Unfortunately, I firmly believe the company is blowing smoke and has
sent us a bunch of ERD's, UML's and various descriptions of data
theory. (There are no screen descriptions or workflow items.) <<
That sounds more like a conceptual design for just the database, and not a detailed design for the entire system. I'd like to see the applications represented in a DFD or structure chart at least.
>> ... they indicate that they are creating a databse design which
uses Natural Keys vs. Surrogate Keys because they "were necessary for
the nomalization of the data model." The document went on to say,
"natural keys are necessary to determine functional dependence and the
efficient normalization of the the data
model." <<
Of course, you want to know what the natural keys are for data integrity, but why mention it? Was someone pushing to use Oracle's ROWID as the key in every table or something??

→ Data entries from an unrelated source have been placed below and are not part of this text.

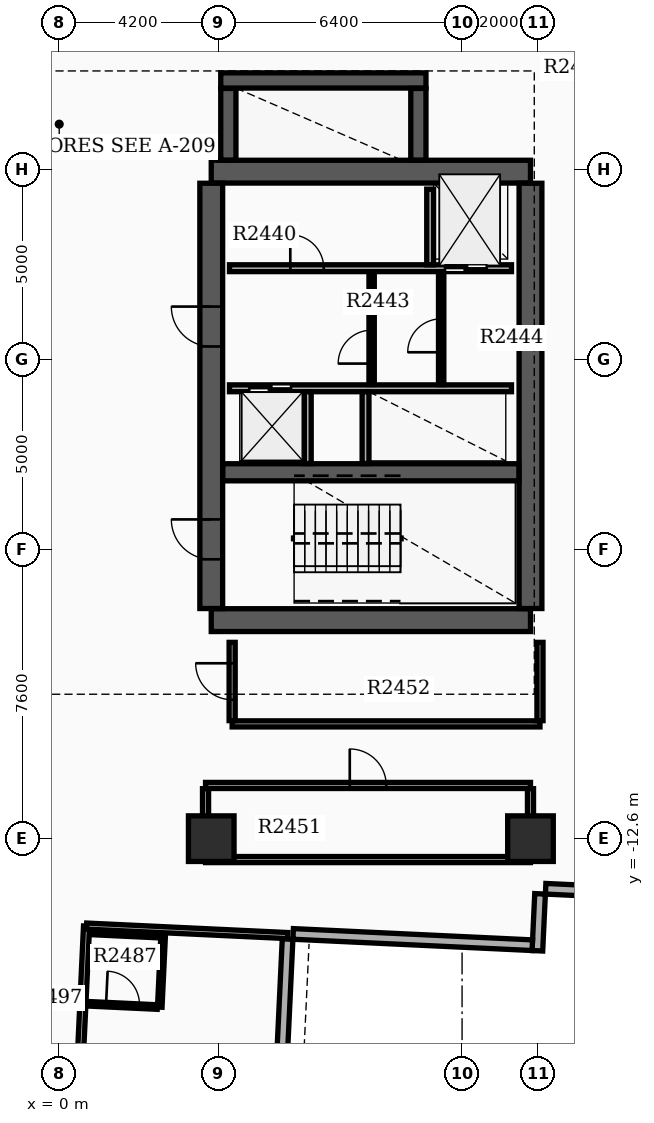
"""IFC4 building model, lengths in metres.
Left out: names, types, materials, properties, quantities, classifications, styles, units other than length and angle.
Written with IfcOpenShell. Run it as: python <this file> out.ifc"""

import sys

from ifc_helpers import new_model, si_unit, direction, frame, frame_2d, origin, origin_2d, place, context, subcontext, project, spatial, rectangle, extrude, element, fill, save


model = new_model("IFC4")
c1 = context("Model", 3, precision=1e-05, world=origin(), true_north=direction((0.0, 1.0)))
c2 = subcontext(c1, "Body", "Model", "MODEL_VIEW")
j1 = project(units=[si_unit("LENGTHUNIT", "METRE"), si_unit("PLANEANGLEUNIT", "RADIAN")], contexts=[c1])
p1 = place(None, origin())
s1 = spatial("IfcSite", under=j1, at=p1, CompositionType="ELEMENT")
p2 = place(p1, origin())
s2 = spatial("IfcBuilding", under=s1, at=p2, CompositionType="ELEMENT")
p3 = place(p2, frame((0.0, 0.0, 156.6)))
s3 = spatial("IfcBuildingStorey", under=s2, at=p3, CompositionType="ELEMENT", Elevation=156.6)
for number, where, z_axis, x_axis in (
    (1, (4.0, -6.85, 0.0), (0.0, 0.0, 1.0), (1.0, 0.0, 0.0)),
    (2, (4.0, 4.95, 0.0), (0.0, 0.0, 1.0), (1.0, 0.0, 0.0)),
):
    element("IfcWall", number, at=place(p3, frame(where, z_axis=z_axis, x_axis=x_axis)), inside=s3, PredefinedType="SHEAR", context=c2, shape_type="SweptSolid", body=[
        extrude(rectangle(XDim=8.4, YDim=0.6, at=frame_2d((4.2, 0.0))), origin(), (0.0, 0.0, 1.0), 3.7),
    ])
p4 = place(p3, frame((4.0, -6.545, 0.0), z_axis=(0.0, 0.0, 1.0), x_axis=(0.0, 1.0, 0.0)))
e3 = element("IfcWall", 3, at=p4, inside=s3, PredefinedType="SHEAR", context=c2, shape_type="SweptSolid", body=[
    extrude(rectangle(XDim=11.19, YDim=0.6, at=frame_2d((5.595, 0.0))), origin(), (0.0, 0.0, 1.0), 3.7),
])
p5 = place(p4, frame((1.295, 0.0, 0.0)))
e4 = element("IfcOpeningElement", 4, at=p5, cuts=e3, PredefinedType="OPENING", context=c2, shape_type="SweptSolid", body=[
    extrude(rectangle(XDim=1.05, YDim=2.15, at=frame_2d((0.525, 1.075))), frame((0.0, 0.31, 0.0), z_axis=(0.0, -1.0, 0.0), x_axis=(1.0, 0.0, 0.0)), (0.0, 0.0, 1.0), 0.62),
])
p6 = place(p4, frame((6.895, 0.0, 0.0)))
e5 = element("IfcOpeningElement", 5, at=p6, cuts=e3, PredefinedType="OPENING", context=c2, shape_type="SweptSolid", body=[
    extrude(rectangle(XDim=1.05, YDim=2.15, at=frame_2d((0.525, 1.075))), frame((0.0, 0.31, 0.0), z_axis=(0.0, -1.0, 0.0), x_axis=(1.0, 0.0, 0.0)), (0.0, 0.0, 1.0), 0.62),
])
p7 = place(p3, frame((12.4, -6.545, 0.0), z_axis=(0.0, 0.0, 1.0), x_axis=(0.0, 1.0, 0.0)))
e6 = element("IfcWall", 6, at=p7, inside=s3, PredefinedType="SHEAR", context=c2, shape_type="SweptSolid", body=[
    extrude(rectangle(XDim=11.19, YDim=0.6, at=frame_2d((5.595, 0.0))), origin(), (0.0, 0.0, 1.0), 3.7),
])
p8 = place(p3, frame((4.305, -2.96, 0.0), z_axis=(0.0, 0.0, 1.0), x_axis=(1.0, 0.0, 0.0)))
e7 = element("IfcWall", 7, at=p8, inside=s3, PredefinedType="SHEAR", context=c2, shape_type="SweptSolid", body=[
    extrude(rectangle(XDim=7.79, YDim=0.45, at=frame_2d((3.895, 0.0))), origin(), (0.0, 0.0, 1.0), 3.7),
])
p9 = place(p3, frame((4.45, 5.255, 0.0), z_axis=(0.0, 0.0, 1.0), x_axis=(0.0, 1.0, 0.0)))
e8 = element("IfcWall", 8, at=p9, inside=s3, PredefinedType="SHEAR", context=c2, shape_type="SweptSolid", body=[
    extrude(rectangle(XDim=1.885, YDim=0.4, at=frame_2d((0.942, 0.0))), origin(), (0.0, 0.0, 1.0), 3.7),
])
p10 = place(p3, frame((4.25, 7.35, 0.0), z_axis=(0.0, 0.0, 1.0), x_axis=(1.0, 0.0, 0.0)))
e9 = element("IfcWall", 9, at=p10, inside=s3, PredefinedType="SHEAR", context=c2, shape_type="SweptSolid", body=[
    extrude(rectangle(XDim=5.4, YDim=0.4, at=frame_2d((2.7, 0.0))), origin(), (0.0, 0.0, 1.0), 3.7),
])
p11 = place(p3, frame((9.45, 5.255, 0.0), z_axis=(0.0, 0.0, 1.0), x_axis=(0.0, 1.0, 0.0)))
e10 = element("IfcWall", 10, at=p11, inside=s3, PredefinedType="SHEAR", context=c2, shape_type="SweptSolid", body=[
    extrude(rectangle(XDim=1.885, YDim=0.4, at=frame_2d((0.942, 0.0))), origin(), (0.0, 0.0, 1.0), 3.7),
])
for number, where, z_axis, x_axis in (
    (11, (12.4, -12.6, 0.0), (0.0, 0.0, 1.0), (1.0, 0.0, 0.0)),
    (12, (4.0, -12.6, 0.0), (0.0, 0.0, 1.0), (1.0, 0.0, 0.0)),
):
    element("IfcColumn", number, at=place(p3, frame(where, z_axis=z_axis, x_axis=x_axis)), inside=s3, PredefinedType="COLUMN", context=c2, shape_type="SweptSolid", body=[
        extrude(rectangle(XDim=1.2, YDim=1.2, at=origin_2d()), origin(), (0.0, 0.0, 1.0), 3.9),
    ])
p12 = place(p3, frame((5.062, -35.318, 0.0), z_axis=(0.0, 0.0, 1.0), x_axis=(0.047103473814, 0.998890015344, 0.0)))
e13 = element("IfcWall", 13, at=p12, inside=s3, PredefinedType="STANDARD", context=c2, shape_type="SweptSolid", body=[
    extrude(rectangle(XDim=20.1, YDim=0.28, at=frame_2d((10.05, 0.0))), origin(), (0.0, 0.0, 1.0), 2.97),
])
p13 = place(p12, frame((1.6, 0.0, 0.8)))
e14 = element("IfcOpeningElement", 14, at=p13, cuts=e13, PredefinedType="OPENING", context=c2, shape_type="SweptSolid", body=[
    extrude(rectangle(XDim=1.2, YDim=1.6, at=frame_2d((0.6, 0.8))), frame((0.0, 0.15, 0.0), z_axis=(0.0, -1.0, 0.0), x_axis=(1.0, 0.0, 0.0)), (0.0, 0.0, 1.0), 0.3),
])
p14 = place(p12, frame((4.8, 0.0, 0.8)))
e15 = element("IfcOpeningElement", 15, at=p14, cuts=e13, PredefinedType="OPENING", context=c2, shape_type="SweptSolid", body=[
    extrude(rectangle(XDim=1.2, YDim=1.6, at=frame_2d((0.6, 0.8))), frame((0.0, 0.15, 0.0), z_axis=(0.0, -1.0, 0.0), x_axis=(1.0, 0.0, 0.0)), (0.0, 0.0, 1.0), 0.3),
])
p15 = place(p12, frame((8.0, 0.0, 0.8)))
e16 = element("IfcOpeningElement", 16, at=p15, cuts=e13, PredefinedType="OPENING", context=c2, shape_type="SweptSolid", body=[
    extrude(rectangle(XDim=1.2, YDim=1.6, at=frame_2d((0.6, 0.8))), frame((0.0, 0.15, 0.0), z_axis=(0.0, -1.0, 0.0), x_axis=(1.0, 0.0, 0.0)), (0.0, 0.0, 1.0), 0.3),
])
p16 = place(p12, frame((11.2, 0.0, 0.8)))
e17 = element("IfcOpeningElement", 17, at=p16, cuts=e13, PredefinedType="OPENING", context=c2, shape_type="SweptSolid", body=[
    extrude(rectangle(XDim=1.2, YDim=1.6, at=frame_2d((0.6, 0.8))), frame((0.0, 0.15, 0.0), z_axis=(0.0, -1.0, 0.0), x_axis=(1.0, 0.0, 0.0)), (0.0, 0.0, 1.0), 0.3),
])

>> To make matters worse, they later describe the use of a "code
table" to store various codes. This is something I've often seen in
IMS and various btrieve-based databases and I don't believe belongs
anywhere in a relational model. <<
Amen. It is a violation of First Normal Form (1NF); the column with the value is not one kind of attribute. In practice it is a nightmare becuae every code winds up being stored as VARCHAR(n) and converted to temporal, fixed length strings, numerics, etc. over and over for the conversions. A good rule of thumb in the schema design stage is:
for relatively short lists with constant values over time (sex, race, states, etc.)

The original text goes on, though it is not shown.